Within Enron, the documents show, traders used strategies code-named Fat Boy, Ricochet, Get Shorty, Load Shift and Death Star to increase Enron's profits from trading power in the state -- techniques that added to electricity costs and congestion on transmission lines.

The documents -- memorandums written in December 2000 by lawyers at Enron to another lawyer at the company -- also describe ''dummied-up'' power-delivery schedules, the submission of ''false information'' to the state, and the effective increasing of costs to all market participants by ''knowingly increasing the congestion costs.''

The memos, which provide the first inside look at the complex trading strategies Enron used in California, give strong ammunition to state officials who have long argued that Enron and other power marketers manipulated the state's market and played a crucial role in the crisis that cost California consumers and utilities tens of billions of dollars in 2000 and 2001. The documents state that other power companies used similar techniques.

Tonight, Senator Dianne Feinstein, Democrat of California, said she would ask Attorney General John Ashcroft ''to pursue a criminal investigation to determine whether in fact federal fraud statutes or any other laws were violated'' by Enron's energy-trading activities.
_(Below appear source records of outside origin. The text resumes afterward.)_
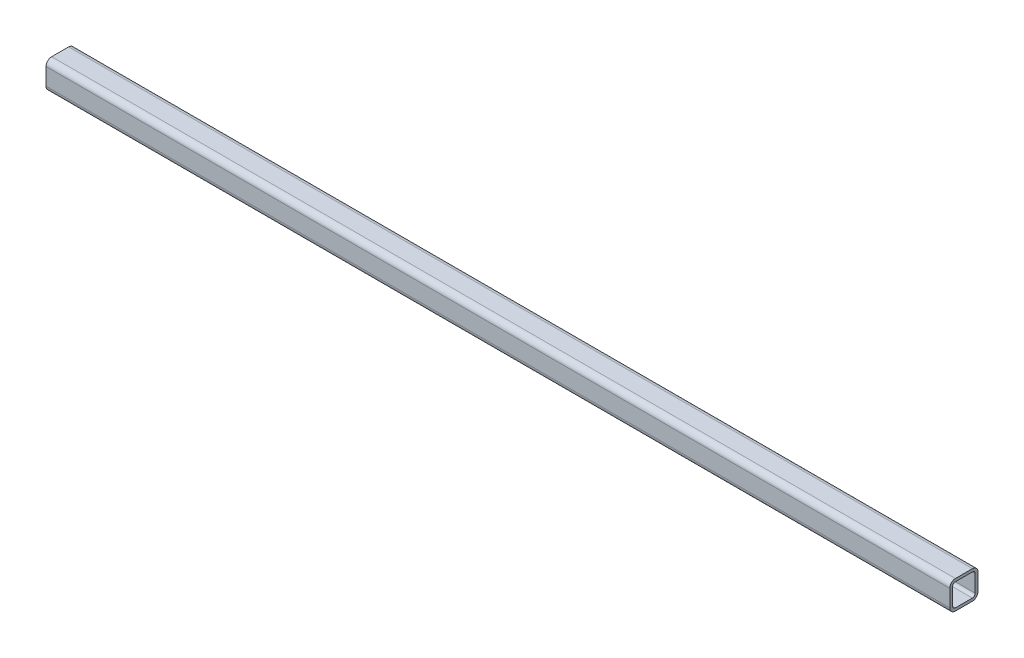
SolidWorks part; units mm, degrees
material "普通碳钢"
ref_plane "Front Plane" through (0, 0, 0) normal (0, 0, 1) x (1, 0, 0)
ref_plane "Top Plane" through (0, 0, 0) normal (0, 1, 0) x (1, 0, 0)
ref_plane "Right Plane" through (0, 0, 0) normal (1, 0, 0) x (0, 0, -1)
sketch "草图1" plane through (0, 0, 0) normal (0, 0, 1) x (1, 0, 0)
  line L0 (-1000, 0) -> (280, 0)
  dimension "D1" = 1280
  dimension "D2" = 1000
other "Square Tube 40 X 40 X 4(1)"
ref_plane "Plane1" through (-1000, 0, 0) normal (1, 0, 0) x (0, 1, 0)
sketch "Sketch1" plane through (-1000, 0, 0) normal (1, 0, 0) x (0, 1, 0)
  line L0 (-12, -16) -> (12, -16)
  line L1 (-16, -12) -> (-16, 12)
  line L2 (12, 16) -> (-12, 16)
  line L3 (16, 12) -> (16, -12)
  line L4 (-12, -20) -> (12, -20)
  line L5 (-20, -12) -> (-20, 12)
  line L6 (12, 20) -> (-12, 20)
  line L7 (20, 12) -> (20, -12)
  arc A0 (20, 12) -> (12, 20) centre (12, 12) ccw
  arc A1 (12, -20) -> (20, -12) centre (12, -12) ccw
  arc A2 (-20, -12) -> (-12, -20) centre (-12, -12) ccw
  arc A3 (-12, 20) -> (-20, 12) centre (-12, 12) ccw
  arc A4 (-12, 16) -> (-16, 12) centre (-12, 12) ccw
  arc A5 (16, 12) -> (12, 16) centre (12, 12) ccw
  arc A6 (12, -16) -> (16, -12) centre (12, -12) ccw
  arc A7 (-16, -12) -> (-12, -16) centre (-12, -12) ccw
  point P0 (-20, 0)
  point P1 (20, 0)
  point P2 (0, 20)
  point P3 (0, -20)
  point P4 (0, 0)
  point P5 (-20, -20)
  point P6 (20, -20)
  point P7 (20, 20)
  point P8 (-20, 20)
  point P33 (0, 0)
  dimension "D1" = 8
  dimension "Thickness" = 4
  dimension "V_leg" = 40

Federal prosecutors are already conducting an inquiry into Enron's accounting, which falsely increased reported profits but ultimately led to the company's filing for bankruptcy protection in December.

Enron agreed to sell its energy-trading unit earlier this year to UBS Warburg, a division of UBS, Switzerland's largest bank. Nearly all of Enron's senior executives, and most of its board members, have departed in the last nine months.

Enron's senior management learned of the documents in late April, and the company's board decided during a meeting on Sunday to waive attorney-client privilege and turn the memos over to investigators at the Federal Energy Regulatory Commission, a person close to the company said. The company has also informed the Justice Department, the Securities and Exchange Commission and the attorney general of California about the documents.

At a noon meeting today, lawyers for Enron gave the memos to investigators from the regulatory commission, which is examining whether Enron manipulated energy markets in the West. The agency released the documents a few hours later. Officials at the commission declined to comment, but they are continuing their investigation into Enron's effect on power prices and asked the company today to provide additional documents on its electricity and natural-gas trading activities.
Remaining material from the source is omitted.